Which life hack allows you to be more efficient?Reception is the simplest: if you really do not want to do something, you have to sit down and do it. As one of my friends said: “When I needed to write some unpleasant paper, I bought myself a bottle of brandy, sausages, and slowly did this job” (laughs).
What applications and services can you do without in your work or in your personal life?Yes, there is one more thing, without which I cannot imagine my life. Despite having good popular email clients, I use mutt. This is especially important for work mail, as its volume is much higher than personal.
What would Ilya Kosmodemyansky write 10 years ago in a letter to the future to himself?I would probably advise myself to study more deeply and systematically many fundamental things in IT (I taught biology in general). Maybe it would be useful to me. It was more difficult for me to master much due to the fact that there was no base. But then, studying everything on my own, I could choose really good import textbooks. And it is worth a lot.
Although, on the other hand, I would not like to repeat some things. If I had been studying more UNIX and databases, I would now be a system programmer in some company. But much more I like what I am now.
You have come a long way. And someone is now at the beginning of this path.
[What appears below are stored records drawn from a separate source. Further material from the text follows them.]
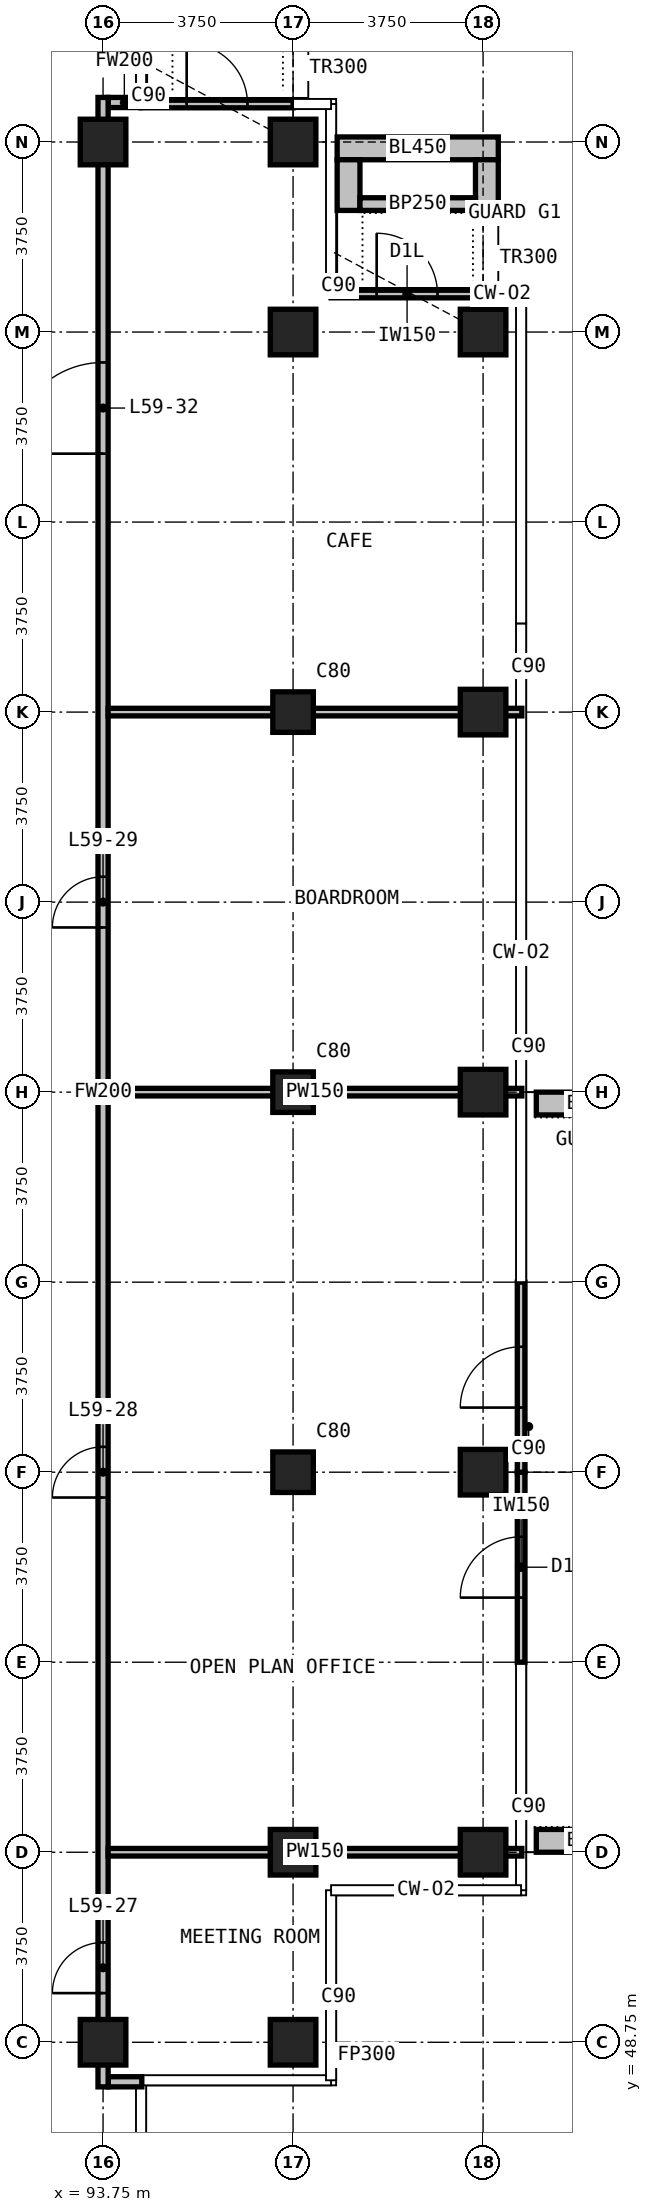
"""IFC4 building model, lengths in metres.
Left out: names, types, materials, properties, quantities, classifications, styles, units other than length and angle.
Written with IfcOpenShell. Run it as: python <this file> out.ifc"""

import sys

from ifc_helpers import new_model, si_unit, direction, frame, frame_2d, origin, origin_2d, place, context, subcontext, project, spatial, rectangle, extrude, element, fill, save


model = new_model("IFC4")
c1 = context("Model", 3, precision=1e-05, world=origin(), true_north=direction((0.0, 1.0)))
c2 = subcontext(c1, "Body", "Model", "MODEL_VIEW")
j1 = project(units=[si_unit("LENGTHUNIT", "METRE"), si_unit("PLANEANGLEUNIT", "RADIAN")], contexts=[c1])
p1 = place(None, origin())
s1 = spatial("IfcSite", under=j1, at=p1, CompositionType="ELEMENT")
p2 = place(p1, origin())
s2 = spatial("IfcBuilding", under=s1, at=p2, CompositionType="ELEMENT")
p3 = place(p2, frame((0.0, 0.0, 228.3)))
s3 = spatial("IfcBuildingStorey", under=s2, at=p3, CompositionType="ELEMENT", Elevation=228.3)
for number, where, z_axis, x_axis in (
    (1, (93.75, 48.75, 0.0), (0.0, 0.0, 1.0), (1.0, 0.0, 0.0)),
    (2, (93.75, 86.25, 0.0), (0.0, 0.0, 1.0), (1.0, 0.0, 0.0)),
    (3, (97.5, 48.75, 0.0), (0.0, 0.0, 1.0), (1.0, 0.0, 0.0)),
    (4, (97.5, 52.5, 0.0), (0.0, 0.0, 1.0), (1.0, 0.0, 0.0)),
):
    element("IfcColumn", number, at=place(p3, frame(where, z_axis=z_axis, x_axis=x_axis)), inside=s3, PredefinedType="COLUMN", context=c2, shape_type="SweptSolid", body=[
        extrude(rectangle(XDim=0.9, YDim=0.9, at=origin_2d()), origin(), (0.0, 0.0, 1.0), 3.6),
    ])
for number, where, z_axis, x_axis in (
    (5, (97.5, 60.0, 0.0), (0.0, 0.0, 1.0), (1.0, 0.0, 0.0)),
    (6, (97.5, 67.5, 0.0), (0.0, 0.0, 1.0), (1.0, 0.0, 0.0)),
    (7, (97.5, 75.0, 0.0), (0.0, 0.0, 1.0), (1.0, 0.0, 0.0)),
):
    element("IfcColumn", number, at=place(p3, frame(where, z_axis=z_axis, x_axis=x_axis)), inside=s3, PredefinedType="COLUMN", context=c2, shape_type="SweptSolid", body=[
        extrude(rectangle(XDim=0.8, YDim=0.8, at=origin_2d()), origin(), (0.0, 0.0, 1.0), 3.6),
    ])
for number, where, z_axis, x_axis in (
    (8, (97.5, 82.5, 0.0), (0.0, 0.0, 1.0), (1.0, 0.0, 0.0)),
    (9, (97.5, 86.25, 0.0), (0.0, 0.0, 1.0), (1.0, 0.0, 0.0)),
    (10, (101.25, 52.5, 0.0), (0.0, 0.0, 1.0), (1.0, 0.0, 0.0)),
    (11, (101.25, 60.0, 0.0), (0.0, 0.0, 1.0), (1.0, 0.0, 0.0)),
    (12, (101.25, 67.5, 0.0), (0.0, 0.0, 1.0), (1.0, 0.0, 0.0)),
    (13, (101.25, 75.0, 0.0), (0.0, 0.0, 1.0), (1.0, 0.0, 0.0)),
    (14, (101.25, 82.5, 0.0), (0.0, 0.0, 1.0), (1.0, 0.0, 0.0)),
):
    element("IfcColumn", number, at=place(p3, frame(where, z_axis=z_axis, x_axis=x_axis)), inside=s3, PredefinedType="COLUMN", context=c2, shape_type="SweptSolid", body=[
        extrude(rectangle(XDim=0.9, YDim=0.9, at=origin_2d()), origin(), (0.0, 0.0, 1.0), 3.6),
    ])
p4 = place(p3, frame((102.0, 56.25, 0.0), z_axis=(0.0, 0.0, 1.0), x_axis=(0.0, 1.0, 0.0)))
e15 = element("IfcWall", 15, at=p4, inside=s3, PredefinedType="SOLIDWALL", context=c2, shape_type="SweptSolid", body=[
    extrude(rectangle(XDim=3.75, YDim=0.15, at=frame_2d((1.875, 0.0))), origin(), (0.0, 0.0, 1.0), 3.3),
])
p5 = place(p4, frame((1.275, 0.0, 0.0)))
e16 = element("IfcOpeningElement", 16, at=p5, cuts=e15, PredefinedType="OPENING", context=c2, shape_type="SweptSolid", body=[
    extrude(rectangle(XDim=1.2, YDim=2.4, at=frame_2d((0.6, 1.2))), frame((0.0, 0.085, 0.0), z_axis=(0.0, -1.0, 0.0), x_axis=(1.0, 0.0, 0.0)), (0.0, 0.0, 1.0), 0.17),
])
p6 = place(p3, frame((102.0, 60.0, 0.0), z_axis=(0.0, 0.0, 1.0), x_axis=(0.0, 1.0, 0.0)))
e17 = element("IfcWall", 17, at=p6, inside=s3, PredefinedType="SOLIDWALL", context=c2, shape_type="SweptSolid", body=[
    extrude(rectangle(XDim=3.75, YDim=0.15, at=frame_2d((1.875, 0.0))), origin(), (0.0, 0.0, 1.0), 3.3),
])
p7 = place(p6, frame((1.275, 0.0, 0.0)))
e18 = element("IfcOpeningElement", 18, at=p7, cuts=e17, PredefinedType="OPENING", context=c2, shape_type="SweptSolid", body=[
    extrude(rectangle(XDim=1.2, YDim=2.4, at=frame_2d((0.6, 1.2))), frame((0.0, 0.085, 0.0), z_axis=(0.0, -1.0, 0.0), x_axis=(1.0, 0.0, 0.0)), (0.0, 0.0, 1.0), 0.17),
])
p8 = place(p3, frame((98.25, 83.25, 0.0), z_axis=(0.0, 0.0, 1.0), x_axis=(1.0, 0.0, 0.0)))
e19 = element("IfcWall", 19, at=p8, inside=s3, PredefinedType="SOLIDWALL", context=c2, shape_type="SweptSolid", body=[
    extrude(rectangle(XDim=3.0, YDim=0.15, at=frame_2d((1.5, 0.0))), origin(), (0.0, 0.0, 1.0), 3.3),
])
p9 = place(p8, frame((0.9, 0.0, 0.0)))
e20 = element("IfcOpeningElement", 20, at=p9, cuts=e19, PredefinedType="OPENING", context=c2, shape_type="SweptSolid", body=[
    extrude(rectangle(XDim=1.2, YDim=2.0, at=frame_2d((0.6, 1.0))), frame((0.0, 0.085, 0.0), z_axis=(0.0, -1.0, 0.0), x_axis=(1.0, 0.0, 0.0)), (0.0, 0.0, 1.0), 0.17),
])
p10 = place(p3, frame((94.5, 87.0, 0.0), z_axis=(0.0, 0.0, 1.0), x_axis=(1.0, 0.0, 0.0)))
e21 = element("IfcWall", 21, at=p10, inside=s3, PredefinedType="SOLIDWALL", context=c2, shape_type="SweptSolid", body=[
    extrude(rectangle(XDim=3.0, YDim=0.15, at=frame_2d((1.5, 0.0))), origin(), (0.0, 0.0, 1.0), 3.3),
])
p11 = place(p10, frame((0.9, 0.0, 0.0)))
e22 = element("IfcOpeningElement", 22, at=p11, cuts=e21, PredefinedType="OPENING", context=c2, shape_type="SweptSolid", body=[
    extrude(rectangle(XDim=1.2, YDim=2.0, at=frame_2d((0.6, 1.0))), frame((0.0, 0.085, 0.0), z_axis=(0.0, -1.0, 0.0), x_axis=(1.0, 0.0, 0.0)), (0.0, 0.0, 1.0), 0.17),
])
for number, where, z_axis, x_axis in (
    (23, (102.3, 52.725, 0.0), (0.0, 0.0, 1.0), (1.0, 0.0, 0.0)),
    (24, (102.3, 67.275, 0.0), (0.0, 0.0, 1.0), (1.0, 0.0, 0.0)),
):
    element("IfcWall", number, at=place(p3, frame(where, z_axis=z_axis, x_axis=x_axis)), inside=s3, PredefinedType="USERDEFINED", context=c2, shape_type="SweptSolid", body=[
        extrude(rectangle(XDim=2.35, YDim=0.45, at=frame_2d((1.175, 0.0))), origin(), (0.0, 0.0, 1.0), 1.1),
    ])
p12 = place(p3, frame((98.37, 86.125, 0.0), z_axis=(0.0, 0.0, 1.0), x_axis=(1.0, 0.0, 0.0)))
e25 = element("IfcWall", 25, at=p12, inside=s3, PredefinedType="USERDEFINED", context=c2, shape_type="SweptSolid", body=[
    extrude(rectangle(XDim=3.18, YDim=0.45, at=frame_2d((1.59, 0.0))), origin(), (0.0, 0.0, 1.0), 1.1),
])
for number, where, z_axis, x_axis in (
    (26, (98.595, 84.9, 0.0), (0.0, 0.0, 1.0), (0.0, 1.0, 0.0)),
    (27, (101.325, 84.9, 0.0), (0.0, 0.0, 1.0), (0.0, 1.0, 0.0)),
):
    element("IfcWall", number, at=place(p3, frame(where, z_axis=z_axis, x_axis=x_axis)), inside=s3, PredefinedType="USERDEFINED", context=c2, shape_type="SweptSolid", body=[
        extrude(rectangle(XDim=1.0, YDim=0.45, at=frame_2d((0.5, 0.0))), origin(), (0.0, 0.0, 1.0), 1.1),
    ])
p13 = place(p3, frame((98.82, 85.025, 0.0), z_axis=(0.0, 0.0, 1.0), x_axis=(1.0, 0.0, 0.0)))
e28 = element("IfcWall", 28, at=p13, inside=s3, PredefinedType="USERDEFINED", context=c2, shape_type="SweptSolid", body=[
    extrude(rectangle(XDim=2.28, YDim=0.25, at=frame_2d((1.14, 0.0))), origin(), (0.0, 0.0, 1.0), 1.0),
])
p14 = place(p3, frame((93.85, 47.97, 0.0), z_axis=(0.0, 0.0, 1.0), x_axis=(1.0, 0.0, 0.0)))
e29 = element("IfcWall", 29, at=p14, inside=s3, PredefinedType="PARTITIONING", context=c2, shape_type="SweptSolid", body=[
    extrude(rectangle(XDim=0.665, YDim=0.2, at=frame_2d((0.333, 0.0))), origin(), (0.0, 0.0, 1.0), 3.3),
])
p15 = place(p3, frame((93.85, 87.03, 0.0), z_axis=(0.0, 0.0, 1.0), x_axis=(1.0, 0.0, 0.0)))
e30 = element("IfcWall", 30, at=p15, inside=s3, PredefinedType="PARTITIONING", context=c2, shape_type="SweptSolid", body=[
    extrude(rectangle(XDim=0.64, YDim=0.2, at=frame_2d((0.32, 0.0))), origin(), (0.0, 0.0, 1.0), 3.3),
])
p16 = place(p3, frame((93.75, 47.87, 0.0), z_axis=(0.0, 0.0, 1.0), x_axis=(0.0, 1.0, 0.0)))
e31 = element("IfcWall", 31, at=p16, inside=s3, PredefinedType="PARTITIONING", context=c2, shape_type="SweptSolid", body=[
    extrude(rectangle(XDim=39.26, YDim=0.2, at=frame_2d((19.63, 0.0))), origin(), (0.0, 0.0, 1.0), 3.3),
])
p17 = place(p16, frame((1.85, 0.0, 0.0)))
e32 = element("IfcOpeningElement", 32, at=p17, cuts=e31, PredefinedType="OPENING", context=c2, shape_type="SweptSolid", body=[
    extrude(rectangle(XDim=1.0, YDim=2.2, at=frame_2d((0.5, 1.1))), frame((0.0, 0.11, 0.0), z_axis=(0.0, -1.0, 0.0), x_axis=(1.0, 0.0, 0.0)), (0.0, 0.0, 1.0), 0.22),
])
p18 = place(p16, frame((11.63, 0.0, 0.0)))
e33 = element("IfcOpeningElement", 33, at=p18, cuts=e31, PredefinedType="OPENING", context=c2, shape_type="SweptSolid", body=[
    extrude(rectangle(XDim=1.0, YDim=2.2, at=frame_2d((0.5, 1.1))), frame((0.0, 0.11, 0.0), z_axis=(0.0, -1.0, 0.0), x_axis=(1.0, 0.0, 0.0)), (0.0, 0.0, 1.0), 0.22),
])
p19 = place(p16, frame((22.88, 0.0, 0.0)))
e34 = element("IfcOpeningElement", 34, at=p19, cuts=e31, PredefinedType="OPENING", context=c2, shape_type="SweptSolid", body=[
    extrude(rectangle(XDim=1.0, YDim=2.2, at=frame_2d((0.5, 1.1))), frame((0.0, 0.11, 0.0), z_axis=(0.0, -1.0, 0.0), x_axis=(1.0, 0.0, 0.0)), (0.0, 0.0, 1.0), 0.22),
])
p20 = place(p16, frame((32.23, 0.0, 0.0)))
e35 = element("IfcOpeningElement", 35, at=p20, cuts=e31, PredefinedType="OPENING", context=c2, shape_type="SweptSolid", body=[
    extrude(rectangle(XDim=1.8, YDim=2.2, at=frame_2d((0.9, 1.1))), frame((0.0, 0.11, 0.0), z_axis=(0.0, -1.0, 0.0), x_axis=(1.0, 0.0, 0.0)), (0.0, 0.0, 1.0), 0.22),
])
for number, where, z_axis, x_axis in (
    (36, (93.85, 52.5, 0.0), (0.0, 0.0, 1.0), (1.0, 0.0, 0.0)),
    (37, (93.85, 67.5, 0.0), (0.0, 0.0, 1.0), (1.0, 0.0, 0.0)),
    (38, (93.85, 75.0, 0.0), (0.0, 0.0, 1.0), (1.0, 0.0, 0.0)),
):
    element("IfcWall", number, at=place(p3, frame(where, z_axis=z_axis, x_axis=x_axis)), inside=s3, PredefinedType="PARTITIONING", context=c2, shape_type="SweptSolid", body=[
        extrude(rectangle(XDim=8.165, YDim=0.15, at=frame_2d((4.083, 0.0))), origin(), (0.0, 0.0, 1.0), 3.3),
    ])
p21 = place(p5, origin())
e39 = element("IfcDoor", 39, at=p21, inside=s3, OperationType="SINGLE_SWING_LEFT", PredefinedType="DOOR", context=c2, shape_type="SweptSolid", body=[
    extrude(rectangle(XDim=1.2, YDim=2.4, at=frame_2d((0.6, 1.2))), frame((0.0, 0.025, 0.0), z_axis=(0.0, -1.0, 0.0), x_axis=(1.0, 0.0, 0.0)), (0.0, 0.0, 1.0), 0.05),
])
fill(e16, e39)
p22 = place(p7, origin())
e40 = element("IfcDoor", 40, at=p22, inside=s3, OperationType="SINGLE_SWING_LEFT", PredefinedType="DOOR", context=c2, shape_type="SweptSolid", body=[
    extrude(rectangle(XDim=1.2, YDim=2.4, at=frame_2d((0.6, 1.2))), frame((0.0, 0.025, 0.0), z_axis=(0.0, -1.0, 0.0), x_axis=(1.0, 0.0, 0.0)), (0.0, 0.0, 1.0), 0.05),
])
fill(e18, e40)
p23 = place(p9, origin())
e41 = element("IfcDoor", 41, at=p23, inside=s3, OperationType="SINGLE_SWING_LEFT", PredefinedType="DOOR", context=c2, shape_type="SweptSolid", body=[
    extrude(rectangle(XDim=1.2, YDim=2.0, at=frame_2d((0.6, 1.0))), frame((0.0, 0.025, 0.0), z_axis=(0.0, -1.0, 0.0), x_axis=(1.0, 0.0, 0.0)), (0.0, 0.0, 1.0), 0.05),
])
fill(e20, e41)
p24 = place(p11, origin())
e42 = element("IfcDoor", 42, at=p24, inside=s3, OperationType="SINGLE_SWING_LEFT", PredefinedType="DOOR", context=c2, shape_type="SweptSolid", body=[
    extrude(rectangle(XDim=1.2, YDim=2.0, at=frame_2d((0.6, 1.0))), frame((0.0, 0.025, 0.0), z_axis=(0.0, -1.0, 0.0), x_axis=(1.0, 0.0, 0.0)), (0.0, 0.0, 1.0), 0.05),
])
fill(e22, e42)
p25 = place(p17, origin())
e43 = element("IfcDoor", 43, at=p25, inside=s3, OperationType="SINGLE_SWING_RIGHT", PredefinedType="DOOR", context=c2, shape_type="SweptSolid", body=[
    extrude(rectangle(XDim=1.0, YDim=2.2, at=frame_2d((0.5, 1.1))), frame((0.0, 0.025, 0.0), z_axis=(0.0, -1.0, 0.0), x_axis=(1.0, 0.0, 0.0)), (0.0, 0.0, 1.0), 0.05),
])
fill(e32, e43)
p26 = place(p18, origin())
e44 = element("IfcDoor", 44, at=p26, inside=s3, OperationType="SINGLE_SWING_LEFT", PredefinedType="DOOR", context=c2, shape_type="SweptSolid", body=[
    extrude(rectangle(XDim=1.0, YDim=2.2, at=frame_2d((0.5, 1.1))), frame((0.0, 0.025, 0.0), z_axis=(0.0, -1.0, 0.0), x_axis=(1.0, 0.0, 0.0)), (0.0, 0.0, 1.0), 0.05),
])
fill(e33, e44)
p27 = place(p19, origin())
e45 = element("IfcDoor", 45, at=p27, inside=s3, OperationType="SINGLE_SWING_LEFT", PredefinedType="DOOR", context=c2, shape_type="SweptSolid", body=[
    extrude(rectangle(XDim=1.0, YDim=2.2, at=frame_2d((0.5, 1.1))), frame((0.0, 0.025, 0.0), z_axis=(0.0, -1.0, 0.0), x_axis=(1.0, 0.0, 0.0)), (0.0, 0.0, 1.0), 0.05),
])
fill(e34, e45)
p28 = place(p20, origin())
e46 = element("IfcDoor", 46, at=p28, inside=s3, OperationType="DOUBLE_DOOR_SINGLE_SWING", PredefinedType="DOOR", context=c2, shape_type="SweptSolid", body=[
    extrude(rectangle(XDim=1.8, YDim=2.2, at=frame_2d((0.9, 1.1))), frame((0.0, 0.025, 0.0), z_axis=(0.0, -1.0, 0.0), x_axis=(1.0, 0.0, 0.0)), (0.0, 0.0, 1.0), 0.05),
])
fill(e35, e46)
save(model, sys.argv[1])

What would you recommend to a person trying to go the same way?Vladimir Ilyich has already said everything: “Learn, learn and study again.” No need to stop, you need to constantly look at some new things, even if they seem to you utter nonsense. This process stimulates brain activity well.
But you shouldn't get too carried away too. There are people who pursue only to make something supernova.
People who go to IT, in my opinion, have to remember one simple thing: in programming, and in the industry as a whole, there is very little hi-tech and a lot of routine, like drawing new molds. Now the topic of IT is a bit overheated, so people need to be prepared for what they really have to do. And you need to love it very much.